8 Best Starter Electric Guitars (Reviews) in 2021
We have taken the time to research through specialized forums, surveys, consumer reports and sales figures and we found that, when looking for the best beginner electric guitar, you should have a look at the following models.
- 1. Squier Affinity Series Jazzmaster HH Black Electric Guitar
- 2. Epiphone Les Paul Standard Plus-Top Pro Electric Guitar
- 3. Fender Squier Affinity Telecaster
- 4. Yamaha Pacifica 012 – Full Size Electric Guitar with Tremolo Arm
- 5. Ibanez GRG170DX – Black Night
- 6. Fender Squier Classic Vibe 50’s Stratocaster
- 7. Epiphone EGG1EBCH1 G-310 Electric Guitar
- 8. Fender 0145212513 Guitar
- Yearly Guide and Report
- Frequently Asked Questions:
1. Squier Affinity Series Jazzmaster HH Black Electric Guitar
While this guitar can be used for all playing purposes, its style and sound tend to suit the jazz players better. It’s not specifically marketed as a guitar for beginners, but it’s very simple and playable and should be considered by any starting musician.

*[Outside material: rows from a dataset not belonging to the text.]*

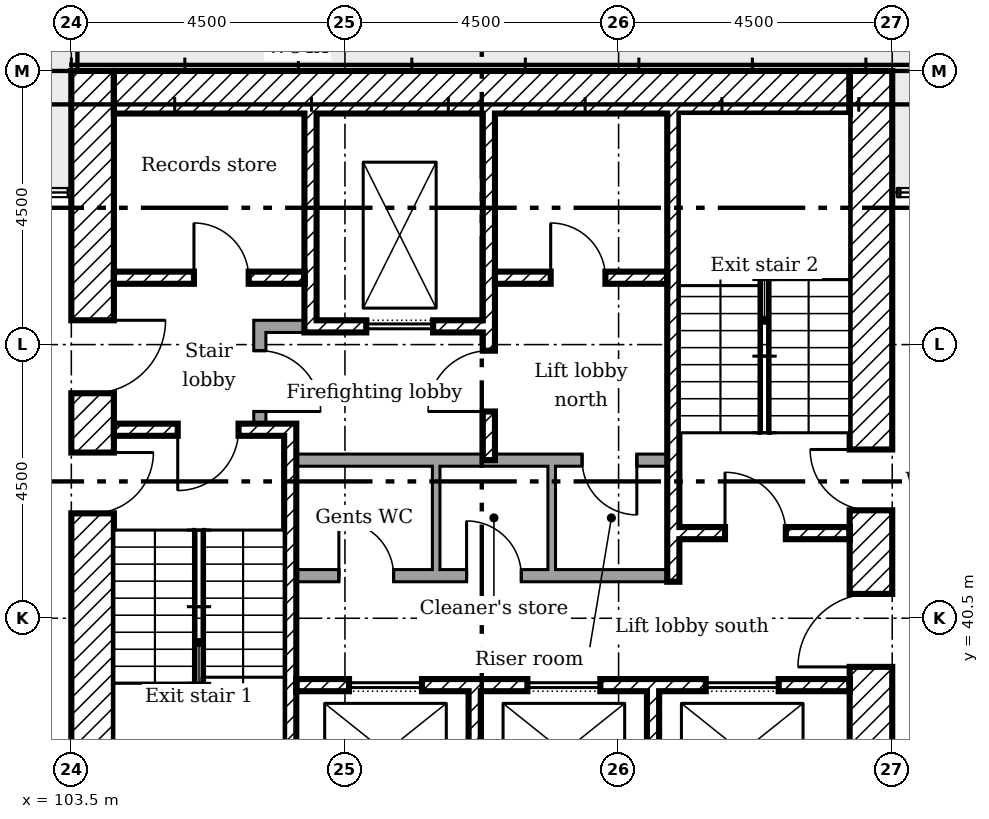
"""IFC4 building model, lengths in metres.
Left out: names, types, materials, properties, quantities, classifications, styles, units other than length and angle.
Written with IfcOpenShell. Run it as: python <this file> out.ifc"""

import sys

from ifc_helpers import new_model, si_unit, direction, frame, frame_2d, origin, place, context, subcontext, project, spatial, rectangle, extrude, element, fill, save


model = new_model("IFC4")
c1 = context("Model", 3, precision=1e-05, world=origin(), true_north=direction((0.0, 1.0)))
c2 = subcontext(c1, "Body", "Model", "MODEL_VIEW")
j1 = project(units=[si_unit("LENGTHUNIT", "METRE"), si_unit("PLANEANGLEUNIT", "RADIAN")], contexts=[c1])
p1 = place(None, origin())
s1 = spatial("IfcSite", under=j1, at=p1, CompositionType="ELEMENT")
p2 = place(p1, origin())
s2 = spatial("IfcBuilding", under=s1, at=p2, CompositionType="ELEMENT")
p3 = place(p2, frame((0.0, 0.0, 92.0)))
s3 = spatial("IfcBuildingStorey", under=s2, at=p3, CompositionType="ELEMENT", Elevation=92.0)
p4 = place(p3, frame((116.65, 36.0, 0.0), z_axis=(0.0, 0.0, 1.0), x_axis=(0.0, 1.0, 0.0)))
e1 = element("IfcWall", 1, at=p4, inside=s3, PredefinedType="SHEAR", context=c2, shape_type="SweptSolid", body=[
    extrude(rectangle(XDim=13.5, YDim=0.7, at=frame_2d((6.75, 0.0))), origin(), (0.0, 0.0, 1.0), 3.35),
])
p5 = place(p4, frame((3.7, 0.0, 0.0)))
e2 = element("IfcOpeningElement", 2, at=p5, cuts=e1, PredefinedType="OPENING", context=c2, shape_type="SweptSolid", body=[
    extrude(rectangle(XDim=1.2, YDim=2.1, at=frame_2d((0.6, 1.05))), frame((0.0, 0.36, 0.0), z_axis=(0.0, -1.0, 0.0), x_axis=(1.0, 0.0, 0.0)), (0.0, 0.0, 1.0), 0.72),
])
p6 = place(p4, frame((6.275, 0.0, 0.0)))
e3 = element("IfcOpeningElement", 3, at=p6, cuts=e1, PredefinedType="OPENING", context=c2, shape_type="SweptSolid", body=[
    extrude(rectangle(XDim=1.0, YDim=2.1, at=frame_2d((0.5, 1.05))), frame((0.0, 0.36, 0.0), z_axis=(0.0, -1.0, 0.0), x_axis=(1.0, 0.0, 0.0)), (0.0, 0.0, 1.0), 0.72),
])
p7 = place(p3, frame((104.2, 49.15, 0.0)))
e4 = element("IfcWall", 4, at=p7, inside=s3, PredefinedType="SHEAR", context=c2, shape_type="SweptSolid", body=[
    extrude(rectangle(XDim=12.1, YDim=0.7, at=frame_2d((6.05, 0.0))), origin(), (0.0, 0.0, 1.0), 3.35),
])
p8 = place(p3, frame((103.85, 36.0, 0.0), z_axis=(0.0, 0.0, 1.0), x_axis=(0.0, 1.0, 0.0)))
e5 = element("IfcWall", 5, at=p8, inside=s3, PredefinedType="SHEAR", context=c2, shape_type="SweptSolid", body=[
    extrude(rectangle(XDim=13.5, YDim=0.7, at=frame_2d((6.75, 0.0))), origin(), (0.0, 0.0, 1.0), 3.35),
])
p9 = place(p8, frame((8.2, 0.0, 0.0)))
e6 = element("IfcOpeningElement", 6, at=p9, cuts=e5, PredefinedType="OPENING", context=c2, shape_type="SweptSolid", body=[
    extrude(rectangle(XDim=1.2, YDim=2.1, at=frame_2d((0.6, 1.05))), frame((0.0, 0.36, 0.0), z_axis=(0.0, -1.0, 0.0), x_axis=(1.0, 0.0, 0.0)), (0.0, 0.0, 1.0), 0.72),
])
p10 = place(p8, frame((6.225, 0.0, 0.0)))
e7 = element("IfcOpeningElement", 7, at=p10, cuts=e5, PredefinedType="OPENING", context=c2, shape_type="SweptSolid", body=[
    extrude(rectangle(XDim=1.0, YDim=2.1, at=frame_2d((0.5, 1.05))), frame((0.0, 0.36, 0.0), z_axis=(0.0, -1.0, 0.0), x_axis=(1.0, 0.0, 0.0)), (0.0, 0.0, 1.0), 0.72),
])
p11 = place(p3, frame((107.433, 48.8, 0.0), z_axis=(0.0, 0.0, 1.0), x_axis=(0.0, -1.0, 0.0)))
e8 = element("IfcWall", 8, at=p11, inside=s3, PredefinedType="SHEAR", context=c2, shape_type="SweptSolid", body=[
    extrude(rectangle(XDim=3.6, YDim=0.2, at=frame_2d((1.8, 0.0))), origin(), (0.0, 0.0, 1.0), 3.35),
])
p12 = place(p3, frame((110.367, 48.8, 0.0), z_axis=(0.0, 0.0, 1.0), x_axis=(0.0, -1.0, 0.0)))
e9 = element("IfcWall", 9, at=p12, inside=s3, PredefinedType="SHEAR", context=c2, shape_type="SweptSolid", body=[
    extrude(rectangle(XDim=5.7, YDim=0.2, at=frame_2d((2.85, 0.0))), origin(), (0.0, 0.0, 1.0), 3.35),
])
p13 = place(p12, frame((3.9, 0.0, 0.0)))
e10 = element("IfcOpeningElement", 10, at=p13, cuts=e9, PredefinedType="OPENING", context=c2, shape_type="SweptSolid", body=[
    extrude(rectangle(XDim=1.0, YDim=2.1, at=frame_2d((0.5, 1.05))), frame((0.0, 0.11, 0.0), z_axis=(0.0, -1.0, 0.0), x_axis=(1.0, 0.0, 0.0)), (0.0, 0.0, 1.0), 0.22),
])
for number, where, z_axis, x_axis in (
    (11, (110.133, 36.7, 0.0), (0.0, 0.0, 1.0), (0.0, 1.0, 0.0)),
    (12, (113.067, 36.7, 0.0), (0.0, 0.0, 1.0), (0.0, 1.0, 0.0)),
):
    element("IfcWall", number, at=place(p3, frame(where, z_axis=z_axis, x_axis=x_axis)), inside=s3, PredefinedType="SHEAR", context=c2, shape_type="SweptSolid", body=[
        extrude(rectangle(XDim=2.6, YDim=0.2, at=frame_2d((1.3, 0.0))), origin(), (0.0, 0.0, 1.0), 3.35),
    ])
p14 = place(p3, frame((106.5, 45.3, 0.0)))
e13 = element("IfcWall", 13, at=p14, inside=s3, PredefinedType="PARTITIONING", context=c2, shape_type="SweptSolid", body=[
    extrude(rectangle(XDim=0.833, YDim=0.2, at=frame_2d((0.417, 0.0))), origin(), (0.0, 0.0, 1.0), 3.35),
])
p15 = place(p3, frame((106.6, 43.7, 0.0), z_axis=(0.0, 0.0, 1.0), x_axis=(0.0, 1.0, 0.0)))
e14 = element("IfcWall", 14, at=p15, inside=s3, PredefinedType="PARTITIONING", context=c2, shape_type="SweptSolid", body=[
    extrude(rectangle(XDim=1.5, YDim=0.2, at=frame_2d((0.75, 0.0))), origin(), (0.0, 0.0, 1.0), 3.35),
])
p16 = place(p15, frame((0.2, 0.0, 0.0)))
e15 = element("IfcOpeningElement", 15, at=p16, cuts=e14, PredefinedType="OPENING", context=c2, shape_type="SweptSolid", body=[
    extrude(rectangle(XDim=1.0, YDim=2.1, at=frame_2d((0.5, 1.05))), frame((0.0, 0.11, 0.0), z_axis=(0.0, -1.0, 0.0), x_axis=(1.0, 0.0, 0.0)), (0.0, 0.0, 1.0), 0.22),
])
p17 = place(p3, frame((104.2, 46.1, 0.0)))
e16 = element("IfcWall", 16, at=p17, inside=s3, PredefinedType="SHEAR", context=c2, shape_type="SweptSolid", body=[
    extrude(rectangle(XDim=3.133, YDim=0.2, at=frame_2d((1.567, 0.0))), origin(), (0.0, 0.0, 1.0), 3.35),
])
p18 = place(p17, frame((1.317, 0.0, 0.0)))
e17 = element("IfcOpeningElement", 17, at=p18, cuts=e16, PredefinedType="OPENING", context=c2, shape_type="SweptSolid", body=[
    extrude(rectangle(XDim=0.9, YDim=2.1, at=frame_2d((0.45, 1.05))), frame((0.0, 0.11, 0.0), z_axis=(0.0, -1.0, 0.0), x_axis=(1.0, 0.0, 0.0)), (0.0, 0.0, 1.0), 0.22),
])
p19 = place(p3, frame((110.467, 46.1, 0.0)))
e18 = element("IfcWall", 18, at=p19, inside=s3, PredefinedType="SHEAR", context=c2, shape_type="SweptSolid", body=[
    extrude(rectangle(XDim=2.833, YDim=0.2, at=frame_2d((1.417, 0.0))), origin(), (0.0, 0.0, 1.0), 3.35),
])
p20 = place(p19, frame((0.917, 0.0, 0.0)))
e19 = element("IfcOpeningElement", 19, at=p20, cuts=e18, PredefinedType="OPENING", context=c2, shape_type="SweptSolid", body=[
    extrude(rectangle(XDim=0.9, YDim=2.1, at=frame_2d((0.45, 1.05))), frame((0.0, 0.11, 0.0), z_axis=(0.0, -1.0, 0.0), x_axis=(1.0, 0.0, 0.0)), (0.0, 0.0, 1.0), 0.22),
])
p21 = place(p3, frame((107.533, 45.3, 0.0)))
e20 = element("IfcWall", 20, at=p21, inside=s3, PredefinedType="SHEAR", context=c2, shape_type="SweptSolid", body=[
    extrude(rectangle(XDim=2.733, YDim=0.2, at=frame_2d((1.367, 0.0))), origin(), (0.0, 0.0, 1.0), 3.35),
])
p22 = place(p21, frame((0.817, 0.0, 0.0)))
e21 = element("IfcOpeningElement", 21, at=p22, cuts=e20, PredefinedType="OPENING", context=c2, shape_type="SweptSolid", body=[
    extrude(rectangle(XDim=1.1, YDim=2.1, at=frame_2d((0.55, 1.05))), frame((0.0, 0.11, 0.0), z_axis=(0.0, -1.0, 0.0), x_axis=(1.0, 0.0, 0.0)), (0.0, 0.0, 1.0), 0.22),
])
p23 = place(p3, frame((107.2, 39.4, 0.0)))
e22 = element("IfcWall", 22, at=p23, inside=s3, PredefinedType="SHEAR", context=c2, shape_type="SweptSolid", body=[
    extrude(rectangle(XDim=9.1, YDim=0.2, at=frame_2d((4.55, 0.0))), origin(), (0.0, 0.0, 1.0), 3.35),
])
p24 = place(p23, frame((0.867, 0.0, 0.0)))
e23 = element("IfcOpeningElement", 23, at=p24, cuts=e22, PredefinedType="OPENING", context=c2, shape_type="SweptSolid", body=[
    extrude(rectangle(XDim=1.2, YDim=2.1, at=frame_2d((0.6, 1.05))), frame((0.0, 0.11, 0.0), z_axis=(0.0, -1.0, 0.0), x_axis=(1.0, 0.0, 0.0)), (0.0, 0.0, 1.0), 0.22),
])
p25 = place(p23, frame((3.8, 0.0, 0.0)))
e24 = element("IfcOpeningElement", 24, at=p25, cuts=e22, PredefinedType="OPENING", context=c2, shape_type="SweptSolid", body=[
    extrude(rectangle(XDim=1.2, YDim=2.1, at=frame_2d((0.6, 1.05))), frame((0.0, 0.11, 0.0), z_axis=(0.0, -1.0, 0.0), x_axis=(1.0, 0.0, 0.0)), (0.0, 0.0, 1.0), 0.22),
])
p26 = place(p23, frame((6.733, 0.0, 0.0)))
e25 = element("IfcOpeningElement", 25, at=p26, cuts=e22, PredefinedType="OPENING", context=c2, shape_type="SweptSolid", body=[
    extrude(rectangle(XDim=1.2, YDim=2.1, at=frame_2d((0.6, 1.05))), frame((0.0, 0.11, 0.0), z_axis=(0.0, -1.0, 0.0), x_axis=(1.0, 0.0, 0.0)), (0.0, 0.0, 1.0), 0.22),
])
p27 = place(p3, frame((107.1, 36.7, 0.0), z_axis=(0.0, 0.0, 1.0), x_axis=(0.0, 1.0, 0.0)))
e26 = element("IfcWall", 26, at=p27, inside=s3, PredefinedType="SHEAR", context=c2, shape_type="SweptSolid", body=[
    extrude(rectangle(XDim=7.0, YDim=0.2, at=frame_2d((3.5, 0.0))), origin(), (0.0, 0.0, 1.0), 3.35),
])
p28 = place(p3, frame((104.2, 43.6, 0.0)))
e27 = element("IfcWall", 27, at=p28, inside=s3, PredefinedType="SHEAR", context=c2, shape_type="SweptSolid", body=[
    extrude(rectangle(XDim=2.8, YDim=0.2, at=frame_2d((1.4, 0.0))), origin(), (0.0, 0.0, 1.0), 3.35),
])
p29 = place(p28, frame((1.05, 0.0, 0.0)))
e28 = element("IfcOpeningElement", 28, at=p29, cuts=e27, PredefinedType="OPENING", context=c2, shape_type="SweptSolid", body=[
    extrude(rectangle(XDim=1.0, YDim=2.1, at=frame_2d((0.5, 1.05))), frame((0.0, 0.11, 0.0), z_axis=(0.0, -1.0, 0.0), x_axis=(1.0, 0.0, 0.0)), (0.0, 0.0, 1.0), 0.22),
])
p30 = place(p3, frame((113.5, 41.9, 0.0)))
e29 = element("IfcWall", 29, at=p30, inside=s3, PredefinedType="SHEAR", context=c2, shape_type="SweptSolid", body=[
    extrude(rectangle(XDim=2.8, YDim=0.2, at=frame_2d((1.4, 0.0))), origin(), (0.0, 0.0, 1.0), 3.35),
])
p31 = place(p30, frame((0.75, 0.0, 0.0)))
e30 = element("IfcOpeningElement", 30, at=p31, cuts=e29, PredefinedType="OPENING", context=c2, shape_type="SweptSolid", body=[
    extrude(rectangle(XDim=1.0, YDim=2.1, at=frame_2d((0.5, 1.05))), frame((0.0, 0.11, 0.0), z_axis=(0.0, -1.0, 0.0), x_axis=(1.0, 0.0, 0.0)), (0.0, 0.0, 1.0), 0.22),
])
p32 = place(p3, frame((113.4, 41.1, 0.0), z_axis=(0.0, 0.0, 1.0), x_axis=(0.0, 1.0, 0.0)))
e31 = element("IfcWall", 31, at=p32, inside=s3, PredefinedType="SHEAR", context=c2, shape_type="SweptSolid", body=[
    extrude(rectangle(XDim=7.7, YDim=0.2, at=frame_2d((3.85, 0.0))), origin(), (0.0, 0.0, 1.0), 3.35),
])
p33 = place(p3, frame((107.2, 43.1, 0.0)))
e32 = element("IfcWall", 32, at=p33, inside=s3, PredefinedType="PARTITIONING", context=c2, shape_type="SweptSolid", body=[
    extrude(rectangle(XDim=6.1, YDim=0.2, at=frame_2d((3.05, 0.0))), origin(), (0.0, 0.0, 1.0), 3.35),
])
p34 = place(p33, frame((4.7, 0.0, 0.0)))
e33 = element("IfcOpeningElement", 33, at=p34, cuts=e32, PredefinedType="OPENING", context=c2, shape_type="SweptSolid", body=[
    extrude(rectangle(XDim=0.9, YDim=2.1, at=frame_2d((0.45, 1.05))), frame((0.0, 0.11, 0.0), z_axis=(0.0, -1.0, 0.0), x_axis=(1.0, 0.0, 0.0)), (0.0, 0.0, 1.0), 0.22),
])
p35 = place(p3, frame((107.2, 41.2, 0.0)))
e34 = element("IfcWall", 34, at=p35, inside=s3, PredefinedType="PARTITIONING", context=c2, shape_type="SweptSolid", body=[
    extrude(rectangle(XDim=6.1, YDim=0.2, at=frame_2d((3.05, 0.0))), origin(), (0.0, 0.0, 1.0), 3.35),
])
p36 = place(p35, frame((0.7, 0.0, 0.0)))
e35 = element("IfcOpeningElement", 35, at=p36, cuts=e34, PredefinedType="OPENING", context=c2, shape_type="SweptSolid", body=[
    extrude(rectangle(XDim=0.9, YDim=2.1, at=frame_2d((0.45, 1.05))), frame((0.0, 0.11, 0.0), z_axis=(0.0, -1.0, 0.0), x_axis=(1.0, 0.0, 0.0)), (0.0, 0.0, 1.0), 0.22),
])
p37 = place(p35, frame((2.8, 0.0, 0.0)))
e36 = element("IfcOpeningElement", 36, at=p37, cuts=e34, PredefinedType="OPENING", context=c2, shape_type="SweptSolid", body=[
    extrude(rectangle(XDim=0.9, YDim=2.1, at=frame_2d((0.45, 1.05))), frame((0.0, 0.11, 0.0), z_axis=(0.0, -1.0, 0.0), x_axis=(1.0, 0.0, 0.0)), (0.0, 0.0, 1.0), 0.22),
])
for number, where, z_axis, x_axis in (
    (37, (109.5, 41.3, 0.0), (0.0, 0.0, 1.0), (0.0, 1.0, 0.0)),
    (38, (111.4, 41.3, 0.0), (0.0, 0.0, 1.0), (0.0, 1.0, 0.0)),
):
    element("IfcWall", number, at=place(p3, frame(where, z_axis=z_axis, x_axis=x_axis)), inside=s3, PredefinedType="PARTITIONING", context=c2, shape_type="SweptSolid", body=[
        extrude(rectangle(XDim=1.7, YDim=0.125, at=frame_2d((0.85, 0.0))), origin(), (0.0, 0.0, 1.0), 3.35),
    ])
p38 = place(p9, frame((1.2, 0.0, 0.0), x_axis=(-1.0, 0.0, 0.0)))
e39 = element("IfcDoor", 39, at=p38, inside=s3, OperationType="SINGLE_SWING_RIGHT", PredefinedType="DOOR", context=c2, shape_type="SweptSolid", body=[
    extrude(rectangle(XDim=1.2, YDim=2.1, at=frame_2d((0.6, 1.05))), frame((0.0, 0.025, 0.0), z_axis=(0.0, -1.0, 0.0), x_axis=(1.0, 0.0, 0.0)), (0.0, 0.0, 1.0), 0.05),
])
fill(e6, e39)
p39 = place(p5, origin())
e40 = element("IfcDoor", 40, at=p39, inside=s3, OperationType="SINGLE_SWING_RIGHT", PredefinedType="DOOR", context=c2, shape_type="SweptSolid", body=[
    extrude(rectangle(XDim=1.2, YDim=2.1, at=frame_2d((0.6, 1.05))), frame((0.0, 0.025, 0.0), z_axis=(0.0, -1.0, 0.0), x_axis=(1.0, 0.0, 0.0)), (0.0, 0.0, 1.0), 0.05),
])
fill(e2, e40)
p40 = place(p29, frame((1.0, 0.0, 0.0), x_axis=(-1.0, 0.0, 0.0)))
e41 = element("IfcDoor", 41, at=p40, inside=s3, OperationType="SINGLE_SWING_LEFT", PredefinedType="DOOR", context=c2, shape_type="SweptSolid", body=[
    extrude(rectangle(XDim=1.0, YDim=2.1, at=frame_2d((0.5, 1.05))), frame((0.0, 0.025, 0.0), z_axis=(0.0, -1.0, 0.0), x_axis=(1.0, 0.0, 0.0)), (0.0, 0.0, 1.0), 0.05),
])
fill(e28, e41)
p41 = place(p10, frame((1.0, 0.0, 0.0), x_axis=(-1.0, 0.0, 0.0)))
e42 = element("IfcDoor", 42, at=p41, inside=s3, OperationType="SINGLE_SWING_RIGHT", PredefinedType="DOOR", context=c2, shape_type="SweptSolid", body=[
    extrude(rectangle(XDim=1.0, YDim=2.1, at=frame_2d((0.5, 1.05))), frame((0.0, 0.025, 0.0), z_axis=(0.0, -1.0, 0.0), x_axis=(1.0, 0.0, 0.0)), (0.0, 0.0, 1.0), 0.05),
])
fill(e7, e42)
p42 = place(p31, origin())
e43 = element("IfcDoor", 43, at=p42, inside=s3, OperationType="SINGLE_SWING_RIGHT", PredefinedType="DOOR", context=c2, shape_type="SweptSolid", body=[
    extrude(rectangle(XDim=1.0, YDim=2.1, at=frame_2d((0.5, 1.05))), frame((0.0, 0.025, 0.0), z_axis=(0.0, -1.0, 0.0), x_axis=(1.0, 0.0, 0.0)), (0.0, 0.0, 1.0), 0.05),
])
fill(e30, e43)
p43 = place(p6, origin())
e44 = element("IfcDoor", 44, at=p43, inside=s3, OperationType="SINGLE_SWING_LEFT", PredefinedType="DOOR", context=c2, shape_type="SweptSolid", body=[
    extrude(rectangle(XDim=1.0, YDim=2.1, at=frame_2d((0.5, 1.05))), frame((0.0, 0.025, 0.0), z_axis=(0.0, -1.0, 0.0), x_axis=(1.0, 0.0, 0.0)), (0.0, 0.0, 1.0), 0.05),
])
fill(e3, e44)
p44 = place(p13, frame((1.0, 0.0, 0.0), x_axis=(-1.0, 0.0, 0.0)))
e45 = element("IfcDoor", 45, at=p44, inside=s3, OperationType="SINGLE_SWING_RIGHT", PredefinedType="DOOR", context=c2, shape_type="SweptSolid", body=[
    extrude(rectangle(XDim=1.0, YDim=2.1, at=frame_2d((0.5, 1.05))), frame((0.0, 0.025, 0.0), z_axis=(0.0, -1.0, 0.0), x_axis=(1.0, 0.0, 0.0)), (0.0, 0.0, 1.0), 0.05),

The general style of this instrument is very relaxed and the body is stylish. The headstock, inspired by the late 60’s Stratocaster, brings a vintage aspect to it. The body shape is eye-catching and at the same time it allows easy access to all the 22 frets found on the rosewood fretboard.
Playability is what describes the sleek neck best and this is the main reason why this guitar is suited for beginners. The pickups are stock Squier humbuckers and they are controlled by two separate knobs for tone and volume. The hardtail bridge used means that you won’t be able to use the tremolo effects, but the bridge will keep your guitar in tune for a longer time.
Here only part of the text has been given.